Try it out, run the benchmarks, and let us know how it performs on your setup!
NemesisNet Hub Links
Sources & References
Post-Mortem: The Struggle, Surprises, and Community Impact
Every release has its war stories, and this one gave us plenty. Below are the real moments—the panic, the hacks, the small victories, and the folks who helped carry this over the line.
Debugging the Device Maze
- Provider Hell: ONNX Runtime’s provider list is a moving target. We lost hours to silent fallbacks and cryptic errors when a provider was present but not actually usable. Example: the DirectML run that reported CUDA in the chain—then proceeded to run everything on CPU.
- Apple Silicon: No official GPU wheel means user testing and community wheels. I remember receiving a benchmark from someone on an M3 Max at 3am and thinking, “this is either magic or black sorcery.” It was a community wheel and meticulous logging—shoutout to that user.
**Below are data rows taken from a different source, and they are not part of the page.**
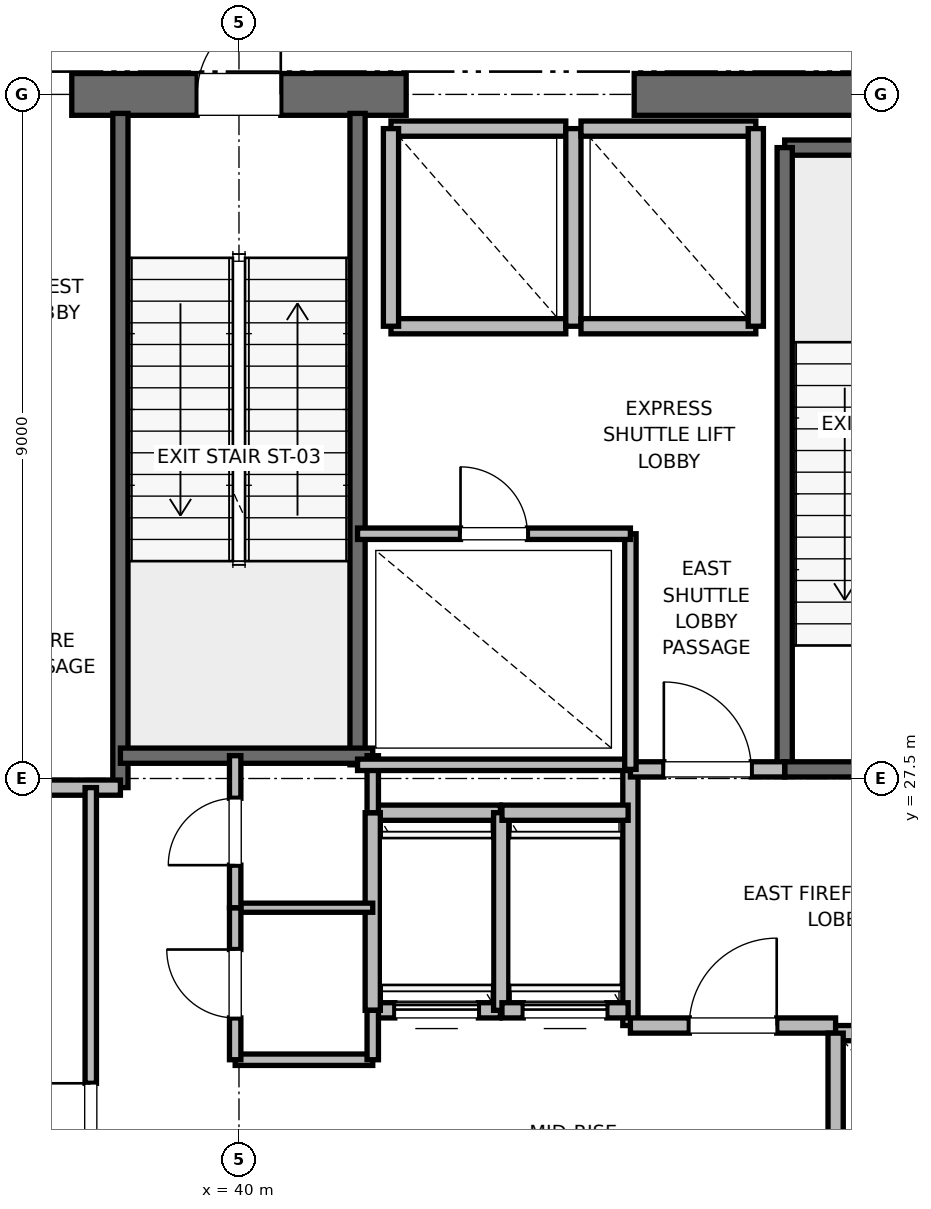
"""IFC4 building model, lengths in metres.
Left out: names, types, materials, properties, quantities, classifications, styles, units other than length and angle.
Written with IfcOpenShell. Run it as: python <this file> out.ifc"""

import sys

from ifc_helpers import new_model, si_unit, direction, frame, frame_2d, origin, place, context, subcontext, project, spatial, rectangle, extrude, element, fill, save


model = new_model("IFC4")
c1 = context("Model", 3, precision=1e-05, world=origin(), true_north=direction((0.0, 1.0)))
c2 = subcontext(c1, "Body", "Model", "MODEL_VIEW")
j1 = project(units=[si_unit("LENGTHUNIT", "METRE"), si_unit("PLANEANGLEUNIT", "RADIAN")], contexts=[c1])
p1 = place(None, origin())
s1 = spatial("IfcSite", under=j1, at=p1, CompositionType="ELEMENT")
p2 = place(p1, origin())
s2 = spatial("IfcBuilding", under=s1, at=p2, CompositionType="ELEMENT")
p3 = place(p2, frame((0.0, 0.0, 200.2)))
s3 = spatial("IfcBuildingStorey", under=s2, at=p3, CompositionType="ELEMENT", Elevation=200.2)
p4 = place(p3, frame((37.8, 36.5, 0.0), z_axis=(0.0, 0.0, 1.0), x_axis=(1.0, 0.0, 0.0)))
e1 = element("IfcWall", 1, at=p4, inside=s3, PredefinedType="SHEAR", context=c2, shape_type="SweptSolid", body=[
    extrude(rectangle(XDim=4.4, YDim=0.55, at=frame_2d((2.2, 0.0))), origin(), (0.0, 0.0, 1.0), 4.775),
])
p5 = place(p4, frame((1.65, 0.0, 0.0)))
e2 = element("IfcOpeningElement", 2, at=p5, cuts=e1, PredefinedType="OPENING", context=c2, shape_type="SweptSolid", body=[
    extrude(rectangle(XDim=1.1, YDim=2.15, at=frame_2d((0.55, 1.075))), frame((0.0, 0.275, 0.0), z_axis=(0.0, -1.0, 0.0), x_axis=(1.0, 0.0, 0.0)), (0.0, 0.0, 1.0), 0.55),
])
p6 = place(p3, frame((45.2, 36.5, 0.0), z_axis=(0.0, 0.0, 1.0), x_axis=(1.0, 0.0, 0.0)))
e3 = element("IfcWall", 3, at=p6, inside=s3, PredefinedType="SHEAR", context=c2, shape_type="SweptSolid", body=[
    extrude(rectangle(XDim=5.8, YDim=0.55, at=frame_2d((2.9, 0.0))), origin(), (0.0, 0.0, 1.0), 4.775),
])
p7 = place(p3, frame((47.18, 35.8, 0.0), z_axis=(0.0, 0.0, 1.0), x_axis=(1.0, 0.0, 0.0)))
e4 = element("IfcWall", 4, at=p7, inside=s3, PredefinedType="SOLIDWALL", context=c2, shape_type="SweptSolid", body=[
    extrude(rectangle(XDim=3.12, YDim=0.2, at=frame_2d((1.56, 0.0))), origin(), (0.0, 0.0, 1.0), 4.775),
])
p8 = place(p3, frame((47.18, 27.62, 0.0), z_axis=(0.0, 0.0, 1.0), x_axis=(0.0, 1.0, 0.0)))
e5 = element("IfcWall", 5, at=p8, inside=s3, PredefinedType="SOLIDWALL", context=c2, shape_type="SweptSolid", body=[
    extrude(rectangle(XDim=8.18, YDim=0.2, at=frame_2d((4.09, 0.0))), origin(), (0.0, 0.0, 1.0), 4.775),
])
p9 = place(p3, frame((47.18, 27.62, 0.0), z_axis=(0.0, 0.0, 1.0), x_axis=(1.0, 0.0, 0.0)))
e6 = element("IfcWall", 6, at=p9, inside=s3, PredefinedType="SOLIDWALL", context=c2, shape_type="SweptSolid", body=[
    extrude(rectangle(XDim=3.12, YDim=0.2, at=frame_2d((1.56, 0.0))), origin(), (0.0, 0.0, 1.0), 4.775),
])
p10 = place(p9, frame((1.01, 0.0, 0.0)))
e7 = element("IfcOpeningElement", 7, at=p10, cuts=e6, PredefinedType="OPENING", context=c2, shape_type="SweptSolid", body=[
    extrude(rectangle(XDim=1.1, YDim=2.15, at=frame_2d((0.55, 1.075))), frame((0.0, 0.1, 0.0), z_axis=(0.0, -1.0, 0.0), x_axis=(1.0, 0.0, 0.0)), (0.0, 0.0, 1.0), 0.2),
])
p11 = place(p3, frame((38.44, 27.38, 0.0), z_axis=(0.0, 0.0, 1.0), x_axis=(0.0, 1.0, 0.0)))
e8 = element("IfcWall", 8, at=p11, inside=s3, PredefinedType="SOLIDWALL", context=c2, shape_type="SweptSolid", body=[
    extrude(rectangle(XDim=8.87, YDim=0.2, at=frame_2d((4.435, 0.0))), origin(), (0.0, 0.0, 1.0), 4.775),
])
p12 = place(p3, frame((41.56, 27.68, 0.0), z_axis=(0.0, 0.0, 1.0), x_axis=(0.0, 1.0, 0.0)))
e9 = element("IfcWall", 9, at=p12, inside=s3, PredefinedType="SOLIDWALL", context=c2, shape_type="SweptSolid", body=[
    extrude(rectangle(XDim=8.57, YDim=0.2, at=frame_2d((4.285, 0.0))), origin(), (0.0, 0.0, 1.0), 4.775),
])
p13 = place(p3, frame((38.44, 27.8, 0.0), z_axis=(0.0, 0.0, 1.0), x_axis=(1.0, 0.0, 0.0)))
e10 = element("IfcWall", 10, at=p13, inside=s3, PredefinedType="SOLIDWALL", context=c2, shape_type="SweptSolid", body=[
    extrude(rectangle(XDim=3.32, YDim=0.2, at=frame_2d((1.66, 0.0))), origin(), (0.0, 0.0, 1.0), 4.775),
])
p14 = place(p3, frame((32.82, 27.38, 0.0), z_axis=(0.0, 0.0, 1.0), x_axis=(1.0, 0.0, 0.0)))
e11 = element("IfcWall", 11, at=p14, inside=s3, PredefinedType="PARTITIONING", context=c2, shape_type="SweptSolid", body=[
    extrude(rectangle(XDim=5.62, YDim=0.2, at=frame_2d((2.81, 0.0))), origin(), (0.0, 0.0, 1.0), 4.775),
])
p15 = place(p3, frame((45.15, 24.25, 0.0), z_axis=(0.0, 0.0, 1.0), x_axis=(0.0, 1.0, 0.0)))
e12 = element("IfcWall", 12, at=p15, inside=s3, PredefinedType="PARTITIONING", context=c2, shape_type="SweptSolid", body=[
    extrude(rectangle(XDim=3.37, YDim=0.2, at=frame_2d((1.685, 0.0))), origin(), (0.0, 0.0, 1.0), 4.775),
])
p16 = place(p3, frame((45.15, 24.25, 0.0), z_axis=(0.0, 0.0, 1.0), x_axis=(1.0, 0.0, 0.0)))
e13 = element("IfcWall", 13, at=p16, inside=s3, PredefinedType="PARTITIONING", context=c2, shape_type="SweptSolid", body=[
    extrude(rectangle(XDim=2.7, YDim=0.2, at=frame_2d((1.35, 0.0))), origin(), (0.0, 0.0, 1.0), 4.775),
])
p17 = place(p16, frame((0.775, 0.0, 0.0)))
e14 = element("IfcOpeningElement", 14, at=p17, cuts=e13, PredefinedType="OPENING", context=c2, shape_type="SweptSolid", body=[
    extrude(rectangle(XDim=1.15, YDim=2.2, at=frame_2d((0.575, 1.1))), frame((0.0, 0.1, 0.0), z_axis=(0.0, -1.0, 0.0), x_axis=(1.0, 0.0, 0.0)), (0.0, 0.0, 1.0), 0.2),
])
p18 = place(p3, frame((45.15, 27.62, 0.0), z_axis=(0.0, 0.0, 1.0), x_axis=(1.0, 0.0, 0.0)))
e15 = element("IfcWall", 15, at=p18, inside=s3, PredefinedType="PARTITIONING", context=c2, shape_type="SweptSolid", body=[
    extrude(rectangle(XDim=2.03, YDim=0.2, at=frame_2d((1.015, 0.0))), origin(), (0.0, 0.0, 1.0), 4.775),
])
p19 = place(p18, frame((0.44, 0.0, 0.0)))
e16 = element("IfcOpeningElement", 16, at=p19, cuts=e15, PredefinedType="OPENING", context=c2, shape_type="SweptSolid", body=[
    extrude(rectangle(XDim=1.15, YDim=2.2, at=frame_2d((0.575, 1.1))), frame((0.0, 0.1, 0.0), z_axis=(0.0, -1.0, 0.0), x_axis=(1.0, 0.0, 0.0)), (0.0, 0.0, 1.0), 0.2),
])
p20 = place(p3, frame((50.45, 24.15, 0.0), z_axis=(0.0, 0.0, 1.0), x_axis=(-1.0, 0.0, 0.0)))
e17 = element("IfcWall", 17, at=p20, inside=s3, PredefinedType="SOLIDWALL", context=c2, shape_type="SweptSolid", body=[
    extrude(rectangle(XDim=2.6, YDim=0.2, at=frame_2d((1.3, 0.0))), origin(), (0.0, 0.0, 1.0), 3.755),
])
p21 = place(p20, frame((0.75, 0.0, 0.0)))
e18 = element("IfcOpeningElement", 18, at=p21, cuts=e17, PredefinedType="OPENING", context=c2, shape_type="SweptSolid", body=[
    extrude(rectangle(XDim=1.1, YDim=2.2, at=frame_2d((0.55, 1.1))), frame((0.0, 0.1, 0.0), z_axis=(0.0, -1.0, 0.0), x_axis=(1.0, 0.0, 0.0)), (0.0, 0.0, 1.0), 0.2),
])
p22 = place(p3, frame((47.85, 24.15, 0.0), z_axis=(0.0, 0.0, 1.0), x_axis=(0.0, -1.0, 0.0)))
e19 = element("IfcWall", 19, at=p22, inside=s3, PredefinedType="SOLIDWALL", context=c2, shape_type="SweptSolid", body=[
    extrude(rectangle(XDim=3.0, YDim=0.2, at=frame_2d((1.5, 0.0))), origin(), (0.0, 0.0, 1.0), 4.775),
])
p23 = place(p3, frame((41.76, 24.45, 0.0), z_axis=(0.0, 0.0, 1.0), x_axis=(1.0, 0.0, 0.0)))
e20 = element("IfcWall", 20, at=p23, inside=s3, PredefinedType="SOLIDWALL", context=c2, shape_type="SweptSolid", body=[
    extrude(rectangle(XDim=1.68, YDim=0.2, at=frame_2d((0.84, 0.0))), origin(), (0.0, 0.0, 1.0), 4.775),
])
p24 = place(p23, frame((0.29, 0.0, 0.0)))
e21 = element("IfcOpeningElement", 21, at=p24, cuts=e20, PredefinedType="OPENING", context=c2, shape_type="SweptSolid", body=[
    extrude(rectangle(XDim=1.1, YDim=2.2, at=frame_2d((0.55, 1.1))), frame((0.0, 0.1, 0.0), z_axis=(0.0, -1.0, 0.0), x_axis=(1.0, 0.0, 0.0)), (0.0, 0.0, 1.0), 0.2),
])
p25 = place(p3, frame((43.44, 27.05, 0.0), z_axis=(0.0, 0.0, 1.0), x_axis=(-1.0, 0.0, 0.0)))
e22 = element("IfcWall", 22, at=p25, inside=s3, PredefinedType="SOLIDWALL", context=c2, shape_type="SweptSolid", body=[
    extrude(rectangle(XDim=1.68, YDim=0.2, at=frame_2d((0.84, 0.0))), origin(), (0.0, 0.0, 1.0), 4.775),
])
for number, where, z_axis, x_axis in (
    (23, (41.76, 27.05, 0.0), (0.0, 0.0, 1.0), (0.0, -1.0, 0.0)),
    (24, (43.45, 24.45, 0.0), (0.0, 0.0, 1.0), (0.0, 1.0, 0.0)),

- Benchmarking Surprises: CPU sometimes beat GPU for tiny workloads. We found a case where a specific ONNX export layout caused a thrash of temporary allocations that killed GPU advantage.
- Test Coverage:
tests/test_device_selection.pycaught a regression where MPS fallback didn’t trigger correctly. That saved an embarrassing release note and a few angry DMs.
Community Feedback: The Real MVP
The most valuable insights came from users. Benchmarks, logs, and random messages from folks running weird hardware were priceless. Community submissions helped us identify platform-specific pain points and validate fixes across a wider range of hardware than we could test.
What We’d Do Differently
- Start with a compatibility matrix and test early across providers; don’t assume ONNX Runtime will behave uniformly.
- Automate more: CI device probes, nightly benchmarks, and clearer error messages that tell users what to do next.
- Recruit community testers early—edge cases appear in real-world hardware we don’t own.
Final Thoughts
Shipping GPU support for NeuTTS-Air was messy, educational, and worth every headache. We hope this post-mortem helps others navigating ONNX Runtime and varied hardware, and we can’t wait to see what creative uses the community finds.
Keep the bug reports coming, the benchmarks flowing, and the memes appropriate.